Moldic and micro-intercrystalline porosity occurs in four zones. Moldic pores dominate total porosity and have significant hydrocarbon storage capacity. Intercrystalline pores control matrix permeability, which is generally less than 20 md. Such permeabilities cannot account for observed production rates of several hundreds to thousands of barrels of fluid per day. Open fractures are present in all zones and contribute significantly to reservoir drainage. Fracture intensity is controlled by lithology and structural position. Silicified strata are the most highly fractured. Structurally, wells with the greatest fracture intensity are aligned along the northwest-trending hingeline of the fold. However, in much of the reservoir, flow behavior is dominated by east-northeast-trending fract res which are recognized on borehole-imaging logs and as directional permeabilities from pressure-interference tests.

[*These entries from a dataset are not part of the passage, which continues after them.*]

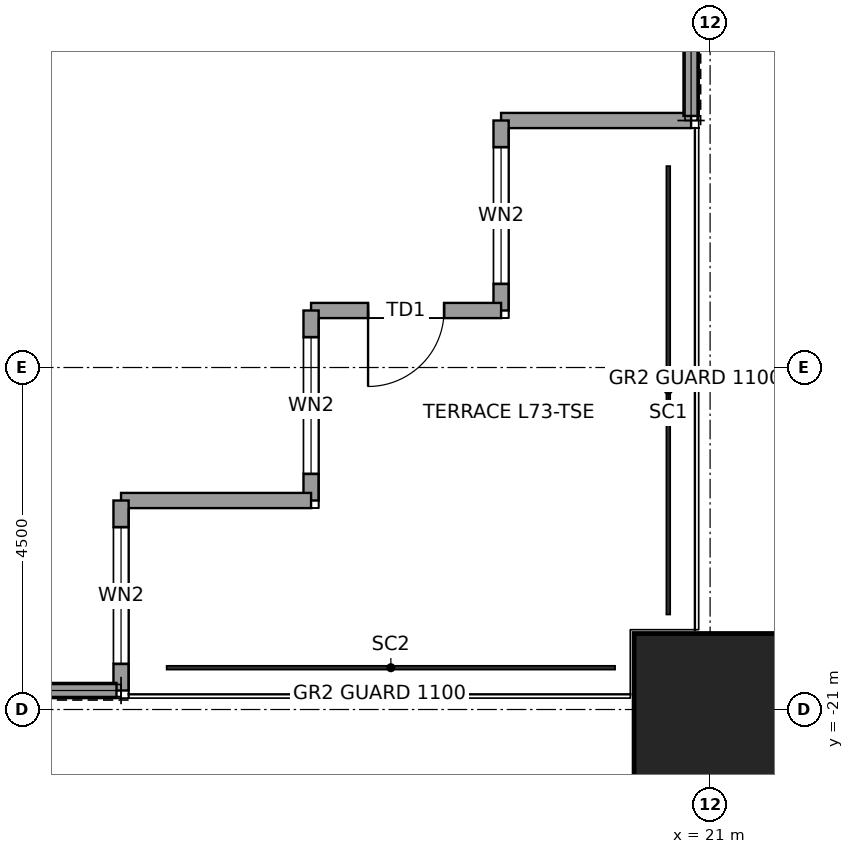
"""IFC4 building model, lengths in metres.
Left out: names, types, materials, properties, quantities, classifications, styles, units other than length and angle.
Written with IfcOpenShell. Run it as: python <this file> out.ifc"""

import sys

from ifc_helpers import new_model, si_unit, direction, frame, frame_2d, origin, origin_2d, place, context, subcontext, project, spatial, rectangle, hollow_rectangle, extrude, element, fill, save


model = new_model("IFC4")
c1 = context("Model", 3, precision=1e-05, world=origin(), true_north=direction((0.0, 1.0)))
c2 = subcontext(c1, "Body", "Model", "MODEL_VIEW")
j1 = project(units=[si_unit("LENGTHUNIT", "METRE"), si_unit("PLANEANGLEUNIT", "RADIAN")], contexts=[c1])
p1 = place(None, origin())
s1 = spatial("IfcSite", under=j1, at=p1, CompositionType="ELEMENT")
p2 = place(p1, origin())
s2 = spatial("IfcBuilding", under=s1, at=p2, CompositionType="ELEMENT")
p3 = place(p2, frame((0.0, 0.0, 327.9)))
s3 = spatial("IfcBuildingStorey", under=s2, at=p3, CompositionType="ELEMENT", Elevation=327.9)
p4 = place(p3, frame((21.0, -21.0, 0.0), z_axis=(0.0, 0.0, 1.0), x_axis=(1.0, 0.0, 0.0)))
e1 = element("IfcColumn", 1, at=p4, inside=s3, PredefinedType="COLUMN", context=c2, shape_type="SweptSolid", body=[
    extrude(hollow_rectangle(XDim=2.0, YDim=2.0, WallThickness=0.095, at=origin_2d()), origin(), (0.0, 0.0, 1.0), 4.0),
])
p5 = place(p3, frame((20.75, -13.25, 0.0), z_axis=(0.0, 0.0, 1.0), x_axis=(-1.0, 0.0, 0.0)))
e2 = element("IfcWall", 2, at=p5, inside=s3, PredefinedType="SOLIDWALL", context=c2, shape_type="SweptSolid", body=[
    extrude(rectangle(XDim=2.5, YDim=0.2, at=frame_2d((1.25, 0.0))), origin(), (0.0, 0.0, 1.0), 3.85),
])
p6 = place(p3, frame((18.25, -13.25, 0.0), z_axis=(0.0, 0.0, 1.0), x_axis=(0.0, -1.0, 0.0)))
e3 = element("IfcWall", 3, at=p6, inside=s3, PredefinedType="SOLIDWALL", context=c2, shape_type="SweptSolid", body=[
    extrude(rectangle(XDim=2.5, YDim=0.2, at=frame_2d((1.25, 0.0))), origin(), (0.0, 0.0, 1.0), 3.85),
])
p7 = place(p6, frame((0.35, 0.0, 0.3)))
e4 = element("IfcOpeningElement", 4, at=p7, cuts=e3, PredefinedType="OPENING", context=c2, shape_type="SweptSolid", body=[
    extrude(rectangle(XDim=1.8, YDim=2.4, at=frame_2d((0.9, 1.2))), frame((0.0, 0.11, 0.0), z_axis=(0.0, -1.0, 0.0), x_axis=(1.0, 0.0, 0.0)), (0.0, 0.0, 1.0), 0.22),
])
p8 = place(p3, frame((18.25, -15.75, 0.0), z_axis=(0.0, 0.0, 1.0), x_axis=(-1.0, 0.0, 0.0)))
e5 = element("IfcWall", 5, at=p8, inside=s3, PredefinedType="SOLIDWALL", context=c2, shape_type="SweptSolid", body=[
    extrude(rectangle(XDim=2.5, YDim=0.2, at=frame_2d((1.25, 0.0))), origin(), (0.0, 0.0, 1.0), 3.317),
])
p9 = place(p8, frame((0.75, 0.0, 0.0)))
e6 = element("IfcOpeningElement", 6, at=p9, cuts=e5, PredefinedType="OPENING", context=c2, shape_type="SweptSolid", body=[
    extrude(rectangle(XDim=1.0, YDim=2.4, at=frame_2d((0.5, 1.2))), frame((0.0, 0.11, 0.0), z_axis=(0.0, -1.0, 0.0), x_axis=(1.0, 0.0, 0.0)), (0.0, 0.0, 1.0), 0.22),
])
p10 = place(p3, frame((15.75, -15.75, 0.0), z_axis=(0.0, 0.0, 1.0), x_axis=(0.0, -1.0, 0.0)))
e7 = element("IfcWall", 7, at=p10, inside=s3, PredefinedType="SOLIDWALL", context=c2, shape_type="SweptSolid", body=[
    extrude(rectangle(XDim=2.5, YDim=0.2, at=frame_2d((1.25, 0.0))), origin(), (0.0, 0.0, 1.0), 3.85),
])
p11 = place(p10, frame((0.35, 0.0, 0.3)))
e8 = element("IfcOpeningElement", 8, at=p11, cuts=e7, PredefinedType="OPENING", context=c2, shape_type="SweptSolid", body=[
    extrude(rectangle(XDim=1.8, YDim=2.4, at=frame_2d((0.9, 1.2))), frame((0.0, 0.11, 0.0), z_axis=(0.0, -1.0, 0.0), x_axis=(1.0, 0.0, 0.0)), (0.0, 0.0, 1.0), 0.22),
])
p12 = place(p3, frame((15.75, -18.25, 0.0), z_axis=(0.0, 0.0, 1.0), x_axis=(-1.0, 0.0, 0.0)))
e9 = element("IfcWall", 9, at=p12, inside=s3, PredefinedType="SOLIDWALL", context=c2, shape_type="SweptSolid", body=[
    extrude(rectangle(XDim=2.5, YDim=0.2, at=frame_2d((1.25, 0.0))), origin(), (0.0, 0.0, 1.0), 3.85),
])
p13 = place(p3, frame((13.25, -18.25, 0.0), z_axis=(0.0, 0.0, 1.0), x_axis=(0.0, -1.0, 0.0)))
e10 = element("IfcWall", 10, at=p13, inside=s3, PredefinedType="SOLIDWALL", context=c2, shape_type="SweptSolid", body=[
    extrude(rectangle(XDim=2.5, YDim=0.2, at=frame_2d((1.25, 0.0))), origin(), (0.0, 0.0, 1.0), 3.85),
])
p14 = place(p13, frame((0.35, 0.0, 0.3)))
e11 = element("IfcOpeningElement", 11, at=p14, cuts=e10, PredefinedType="OPENING", context=c2, shape_type="SweptSolid", body=[
    extrude(rectangle(XDim=1.8, YDim=2.4, at=frame_2d((0.9, 1.2))), frame((0.0, 0.11, 0.0), z_axis=(0.0, -1.0, 0.0), x_axis=(1.0, 0.0, 0.0)), (0.0, 0.0, 1.0), 0.22),
])
for number, where, z_axis, x_axis in (
    (12, (20.75, -10.435, 0.0), (0.0, 0.0, 1.0), (0.0, -1.0, 0.0)),
    (13, (13.19, -20.75, 0.0), (0.0, 0.0, 1.0), (-1.0, 0.0, 0.0)),
):
    element("IfcWall", number, at=place(p3, frame(where, z_axis=z_axis, x_axis=x_axis)), inside=s3, PredefinedType="SOLIDWALL", context=c2, shape_type="SweptSolid", body=[
        extrude(rectangle(XDim=2.755, YDim=0.2, at=frame_2d((1.377, 0.0))), origin(), (0.0, 0.0, 1.0), 3.85),
    ])
p15 = place(p7, origin())
e14 = element("IfcWindow", 14, at=p15, inside=s3, PartitioningType="SINGLE_PANEL", PredefinedType="WINDOW", context=c2, shape_type="SweptSolid", body=[
    extrude(rectangle(XDim=1.8, YDim=2.4, at=frame_2d((0.9, 1.2))), frame((0.0, 0.03, 0.0), z_axis=(0.0, -1.0, 0.0), x_axis=(1.0, 0.0, 0.0)), (0.0, 0.0, 1.0), 0.06),
])
fill(e4, e14)
p16 = place(p9, origin())
e15 = element("IfcDoor", 15, at=p16, inside=s3, OperationType="SINGLE_SWING_RIGHT", PredefinedType="DOOR", context=c2, shape_type="SweptSolid", body=[
    extrude(rectangle(XDim=1.0, YDim=2.4, at=frame_2d((0.5, 1.2))), frame((0.0, 0.025, 0.0), z_axis=(0.0, -1.0, 0.0), x_axis=(1.0, 0.0, 0.0)), (0.0, 0.0, 1.0), 0.05),
])
fill(e6, e15)
p17 = place(p11, origin())
e16 = element("IfcWindow", 16, at=p17, inside=s3, PartitioningType="SINGLE_PANEL", PredefinedType="WINDOW", context=c2, shape_type="SweptSolid", body=[
    extrude(rectangle(XDim=1.8, YDim=2.4, at=frame_2d((0.9, 1.2))), frame((0.0, 0.03, 0.0), z_axis=(0.0, -1.0, 0.0), x_axis=(1.0, 0.0, 0.0)), (0.0, 0.0, 1.0), 0.06),
])
fill(e8, e16)
p18 = place(p14, origin())
e17 = element("IfcWindow", 17, at=p18, inside=s3, PartitioningType="SINGLE_PANEL", PredefinedType="WINDOW", context=c2, shape_type="SweptSolid", body=[
    extrude(rectangle(XDim=1.8, YDim=2.4, at=frame_2d((0.9, 1.2))), frame((0.0, 0.03, 0.0), z_axis=(0.0, -1.0, 0.0), x_axis=(1.0, 0.0, 0.0)), (0.0, 0.0, 1.0), 0.06),
])
fill(e11, e17)
save(model, sys.argv[1])

Most, but not all, wells are at or near virgin reservoir pressure. This, along with high water-production rates, suggests strong aquifer support for reservoir pressure. A comparison of pressure and water-cut data shows that those wells with depleted reservoir pressure also had water cuts that rose relatively slowly. Geographically, these wells define dual-porosity "compartments" in which matrix porosities and permeabilities, as well as fractures, affect flow. Elsewhere in the field, fractures are the dominant control on flow in what appears to be single-porosity behavior.